Thesis on self-presentation of racial context

Question: How do the Malheur (the CCF) and Standing Rock occupations fit into the historical context of land rights in the US and how do their interactions with that history determine modern outcomes?

My thesis in the RBA is that the groups took opposite approaches to presenting race in their rhetoric. CCF actively avoided mentioning race and took extra steps to evade extremely relevant racial histories and dynamics. In Standing Rock, race, particularly history and identity, are central to the movements rhetoric, justification, and demands.

To present this, I begin with a history of land in the US with a focus on the two parcels of land in question in these movements. In Oregon, this land was originally inhabited by the Wadatika (Paiute), who were cordoned onto smaller reservations during homesteading. Land unclaimed by whites became federal land. In North Dakota, I present the history of the US military defeat of the  Sioux and partitioning of the Great Sioux Reservation. That reservation was subsequently chipped away at, leaving five separate modern reservations with a fraction of the original land under tribal ownership.

To look at each group’s interactions with racial narratives, I present their primary source rhetoric and examine how that translated into mainstream media representation. The CCF begins their history with federal seizure after homesteading, not with the displacement of the Wadatika, and use this incomplete history to claim that the federal government illegitimately took the land from “the people” as represented by state and local governments. I argue that the people they illegitimately took it from were the Wadatika and that the “people’s ownership” is more direct under federal management than under local control. I also examine their interaction with white supremacist groups and rhetoric and with Latter-Day Saints religious tradition.

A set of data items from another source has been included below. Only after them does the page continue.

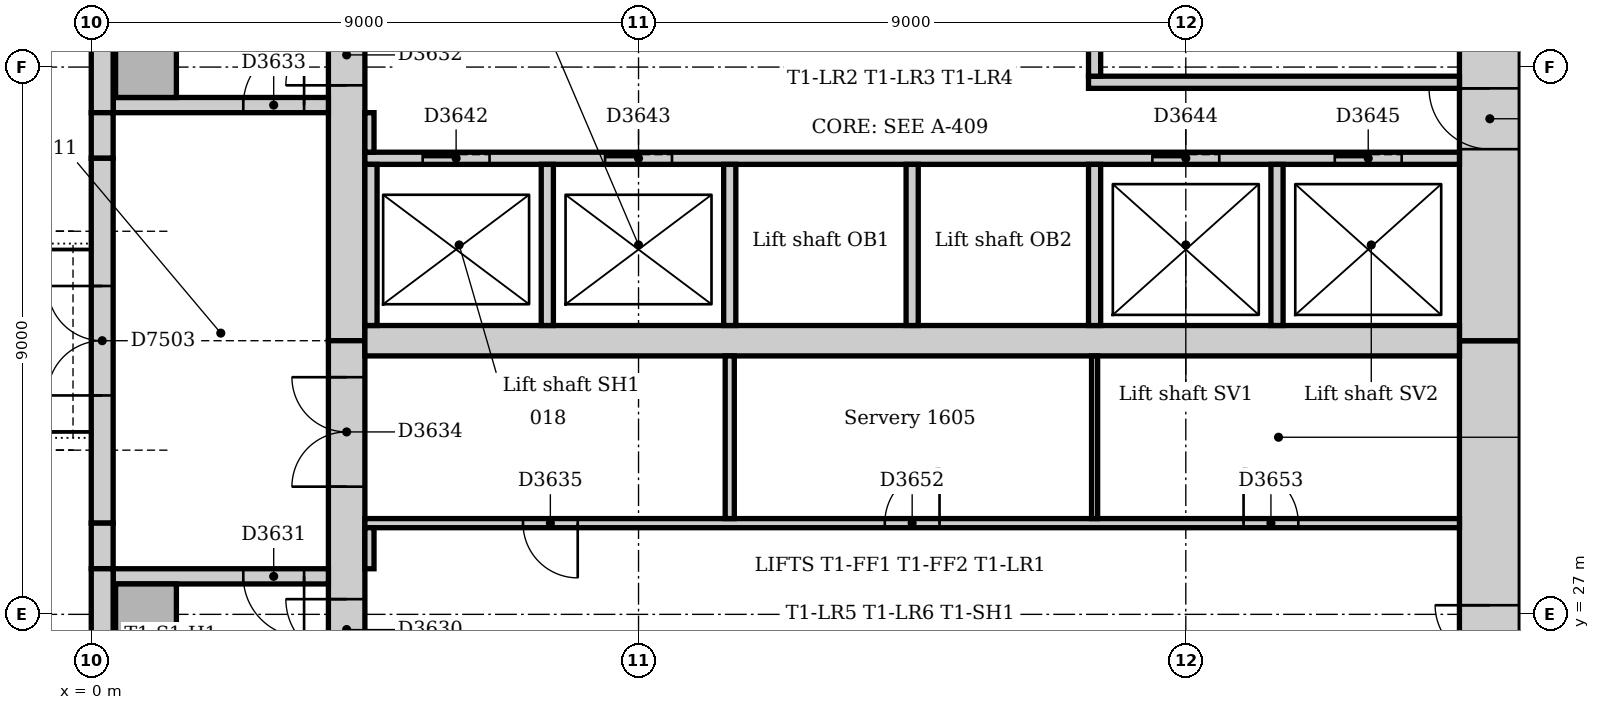
"""IFC4 building model, lengths in metres.
Left out: names, types, materials, properties, quantities, classifications, styles, units other than length and angle.
Written with IfcOpenShell. Run it as: python <this file> out.ifc"""

import sys

from ifc_helpers import new_model, si_unit, direction, frame, frame_2d, origin, origin_2d, place, context, subcontext, project, spatial, rectangle, extrude, element, fill, save


model = new_model("IFC4")
c1 = context("Model", 3, precision=1e-05, world=origin(), true_north=direction((0.0, 1.0)))
c2 = subcontext(c1, "Body", "Model", "MODEL_VIEW")
j1 = project(units=[si_unit("LENGTHUNIT", "METRE"), si_unit("PLANEANGLEUNIT", "RADIAN")], contexts=[c1])
p1 = place(None, origin())
s1 = spatial("IfcSite", under=j1, at=p1, CompositionType="ELEMENT")
p2 = place(p1, origin())
s2 = spatial("IfcBuilding", under=s1, at=p2, CompositionType="ELEMENT")
p3 = place(p2, frame((0.0, 0.0, 71.0)))
s3 = spatial("IfcBuildingStorey", under=s2, at=p3, CompositionType="ELEMENT", Elevation=71.0)
p4 = place(p3, frame((23.0, 21.0, 0.0), z_axis=(0.0, 0.0, 1.0), x_axis=(0.0, 1.0, 0.0)))
e1 = element("IfcWall", 1, at=p4, inside=s3, PredefinedType="SOLIDWALL", context=c2, shape_type="SweptSolid", body=[
    extrude(rectangle(XDim=10.5, YDim=1.0, at=frame_2d((5.25, 0.0))), origin(), (0.0, 0.0, 1.0), 4.0),
])
p5 = place(p4, frame((4.35, 0.0, 0.0)))
e2 = element("IfcOpeningElement", 2, at=p5, cuts=e1, PredefinedType="OPENING", context=c2, shape_type="SweptSolid", body=[
    extrude(rectangle(XDim=1.8, YDim=2.1, at=frame_2d((0.9, 1.05))), frame((0.0, 0.51, 0.0), z_axis=(0.0, -1.0, 0.0), x_axis=(1.0, 0.0, 0.0)), (0.0, 0.0, 1.0), 1.02),
])
p6 = place(p3, frame((23.0, 31.5, 0.0), z_axis=(0.0, 0.0, 1.0), x_axis=(0.0, 1.0, 0.0)))
e3 = element("IfcWall", 3, at=p6, inside=s3, PredefinedType="SOLIDWALL", context=c2, shape_type="SweptSolid", body=[
    extrude(rectangle(XDim=10.5, YDim=1.0, at=frame_2d((5.25, 0.0))), origin(), (0.0, 0.0, 1.0), 4.0),
])
p7 = place(p6, frame((3.15, 0.0, 0.0)))
e4 = element("IfcOpeningElement", 4, at=p7, cuts=e3, PredefinedType="OPENING", context=c2, shape_type="SweptSolid", body=[
    extrude(rectangle(XDim=1.0, YDim=2.1, at=frame_2d((0.5, 1.05))), frame((0.0, 0.51, 0.0), z_axis=(0.0, -1.0, 0.0), x_axis=(1.0, 0.0, 0.0)), (0.0, 0.0, 1.0), 1.02),
])
p8 = place(p6, frame((5.2, 0.0, 0.0)))
e5 = element("IfcOpeningElement", 5, at=p8, cuts=e3, PredefinedType="OPENING", context=c2, shape_type="SweptSolid", body=[
    extrude(rectangle(XDim=1.0, YDim=2.1, at=frame_2d((0.5, 1.05))), frame((0.0, 0.51, 0.0), z_axis=(0.0, -1.0, 0.0), x_axis=(1.0, 0.0, 0.0)), (0.0, 0.0, 1.0), 1.02),
])
p9 = place(p3, frame((4.2, 42.0, 0.0), z_axis=(0.0, 0.0, 1.0), x_axis=(0.0, -1.0, 0.0)))
e6 = element("IfcWall", 6, at=p9, inside=s3, PredefinedType="SOLIDWALL", context=c2, shape_type="SweptSolid", body=[
    extrude(rectangle(XDim=10.5, YDim=0.6, at=frame_2d((5.25, 0.0))), origin(), (0.0, 0.0, 1.0), 4.0),
])
p10 = place(p9, frame((5.3, 0.0, 0.0)))
e7 = element("IfcOpeningElement", 7, at=p10, cuts=e6, PredefinedType="OPENING", context=c2, shape_type="SweptSolid", body=[
    extrude(rectangle(XDim=1.0, YDim=2.1, at=frame_2d((0.5, 1.05))), frame((0.0, 0.31, 0.0), z_axis=(0.0, -1.0, 0.0), x_axis=(1.0, 0.0, 0.0)), (0.0, 0.0, 1.0), 0.62),
])
p11 = place(p3, frame((4.2, 31.5, 0.0), z_axis=(0.0, 0.0, 1.0), x_axis=(0.0, -1.0, 0.0)))
e8 = element("IfcWall", 8, at=p11, inside=s3, PredefinedType="SOLIDWALL", context=c2, shape_type="SweptSolid", body=[
    extrude(rectangle(XDim=10.5, YDim=0.6, at=frame_2d((5.25, 0.0))), origin(), (0.0, 0.0, 1.0), 4.0),
])
p12 = place(p11, frame((4.25, 0.0, 0.0)))
e9 = element("IfcOpeningElement", 9, at=p12, cuts=e8, PredefinedType="OPENING", context=c2, shape_type="SweptSolid", body=[
    extrude(rectangle(XDim=1.0, YDim=2.1, at=frame_2d((0.5, 1.05))), frame((0.0, 0.31, 0.0), z_axis=(0.0, -1.0, 0.0), x_axis=(1.0, 0.0, 0.0)), (0.0, 0.0, 1.0), 0.62),
])
p13 = place(p11, frame((0.6, 0.0, 0.0)))
e10 = element("IfcOpeningElement", 10, at=p13, cuts=e8, PredefinedType="OPENING", context=c2, shape_type="SweptSolid", body=[
    extrude(rectangle(XDim=1.8, YDim=2.1, at=frame_2d((0.9, 1.05))), frame((0.0, 0.31, 0.0), z_axis=(0.0, -1.0, 0.0), x_axis=(1.0, 0.0, 0.0)), (0.0, 0.0, 1.0), 0.62),
])
p14 = place(p3, frame((4.5, 31.5, 0.0), z_axis=(0.0, 0.0, 1.0), x_axis=(1.0, 0.0, 0.0)))
e11 = element("IfcWall", 11, at=p14, inside=s3, PredefinedType="SOLIDWALL", context=c2, shape_type="SweptSolid", body=[
    extrude(rectangle(XDim=18.0, YDim=0.5, at=frame_2d((9.0, 0.0))), origin(), (0.0, 0.0, 1.0), 4.0),
])
p15 = place(p3, frame((3.9, 27.625, 0.0), z_axis=(0.0, 0.0, 1.0), x_axis=(-1.0, 0.0, 0.0)))
e12 = element("IfcWall", 12, at=p15, inside=s3, PredefinedType="SOLIDWALL", context=c2, shape_type="SweptSolid", body=[
    extrude(rectangle(XDim=3.54, YDim=0.25, at=frame_2d((1.77, 0.0))), origin(), (0.0, 0.0, 1.0), 4.0),
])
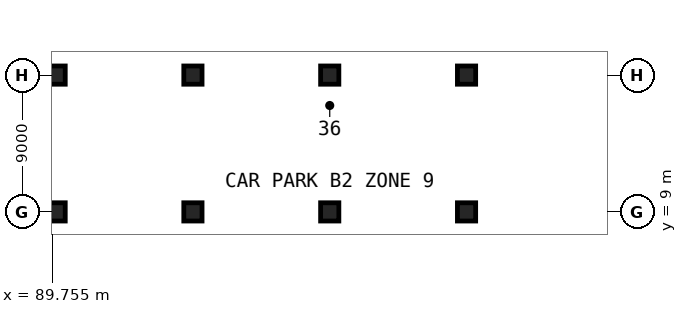
"""IFC4 building model, lengths in metres.
Left out: names, types, materials, properties, quantities, classifications, styles, units other than length and angle.
Written with IfcOpenShell. Run it as: python <this file> out.ifc"""

import sys

from ifc_helpers import new_model, si_unit, direction, frame, origin, origin_2d, place, context, subcontext, project, spatial, rectangle, extrude, element, save


model = new_model("IFC4")
c1 = context("Model", 3, precision=1e-05, world=origin(), true_north=direction((0.0, 1.0)))
c2 = subcontext(c1, "Body", "Model", "MODEL_VIEW")
j1 = project(units=[si_unit("LENGTHUNIT", "METRE"), si_unit("PLANEANGLEUNIT", "RADIAN")], contexts=[c1])
p1 = place(None, origin())
s1 = spatial("IfcSite", under=j1, at=p1, CompositionType="ELEMENT")
p2 = place(p1, origin())
s2 = spatial("IfcBuilding", under=s1, at=p2, CompositionType="ELEMENT")
p3 = place(p2, frame((0.0, 0.0, -9.0)))
s3 = spatial("IfcBuildingStorey", under=s2, at=p3, CompositionType="ELEMENT", Elevation=-9.0)
for number, where, z_axis, x_axis in (
    (1, (90.0, 9.0, 0.0), (0.0, 0.0, 1.0), (1.0, 0.0, 0.0)),
    (2, (90.0, 18.0, 0.0), (0.0, 0.0, 1.0), (1.0, 0.0, 0.0)),
    (3, (99.0, 9.0, 0.0), (0.0, 0.0, 1.0), (1.0, 0.0, 0.0)),
    (4, (99.0, 18.0, 0.0), (0.0, 0.0, 1.0), (1.0, 0.0, 0.0)),
    (5, (108.0, 9.0, 0.0), (0.0, 0.0, 1.0), (1.0, 0.0, 0.0)),
    (6, (108.0, 18.0, 0.0), (0.0, 0.0, 1.0), (1.0, 0.0, 0.0)),
    (7, (117.0, 9.0, 0.0), (0.0, 0.0, 1.0), (1.0, 0.0, 0.0)),
    (8, (117.0, 18.0, 0.0), (0.0, 0.0, 1.0), (1.0, 0.0, 0.0)),
):
    element("IfcColumn", number, at=place(p3, frame(where, z_axis=z_axis, x_axis=x_axis)), inside=s3, PredefinedType="COLUMN", context=c2, shape_type="SweptSolid", body=[
        extrude(rectangle(XDim=1.2, YDim=1.2, at=origin_2d()), origin(), (0.0, 0.0, 1.0), 4.5),
    ])
save(model, sys.argv[1])

In Standing Rock, I present primary rhetoric and reported narratives and discuss how activists portray the past, spirituality, and their hopes for the future. I look at the representation of what is a strong presence of a non-Christian religion in news reporting and at courtroom precedent and legal standing of sovereign Native nations. There are a lot of primary source interviews with activists and statements from the tribe that make great sources, especially when presented in parallel with legal-ese filings and proceedings.

In the end, I discuss on-the-ground consequences of the groups’ actions and rhetoric, and place the interactions between law enforcement and the activists groups within the history of their movements and the history of public land-focused activism. I hope that my paper will leave readers with questions on the intersection between racial dynamics and law enforcement as well as an appreciation for public land policy and the significance of history in modern activist movements.

 

One thought on “Thesis on self-presentation of racial context”

  1. Very thorough coverage of the sources you intend to use. One thing that I would caution is that you seem to be taking on this issue in a large variety of contexts, e.g., race, law, history, and religion. Each of these lenses can be incorporated into your research question and are definitely related to each other, but make those connections clear in your paper. The “block” comparison/contrast format that you’ve outlined here is a good idea for organizing the paper into distinct sections. The last point I have would just be about background – there’s a lot of background information on both of the events you intend to cover, and it’ll be essential that you give concise and complete synopses of them that make it clear why you chose them to address this research question of modern land rights issues.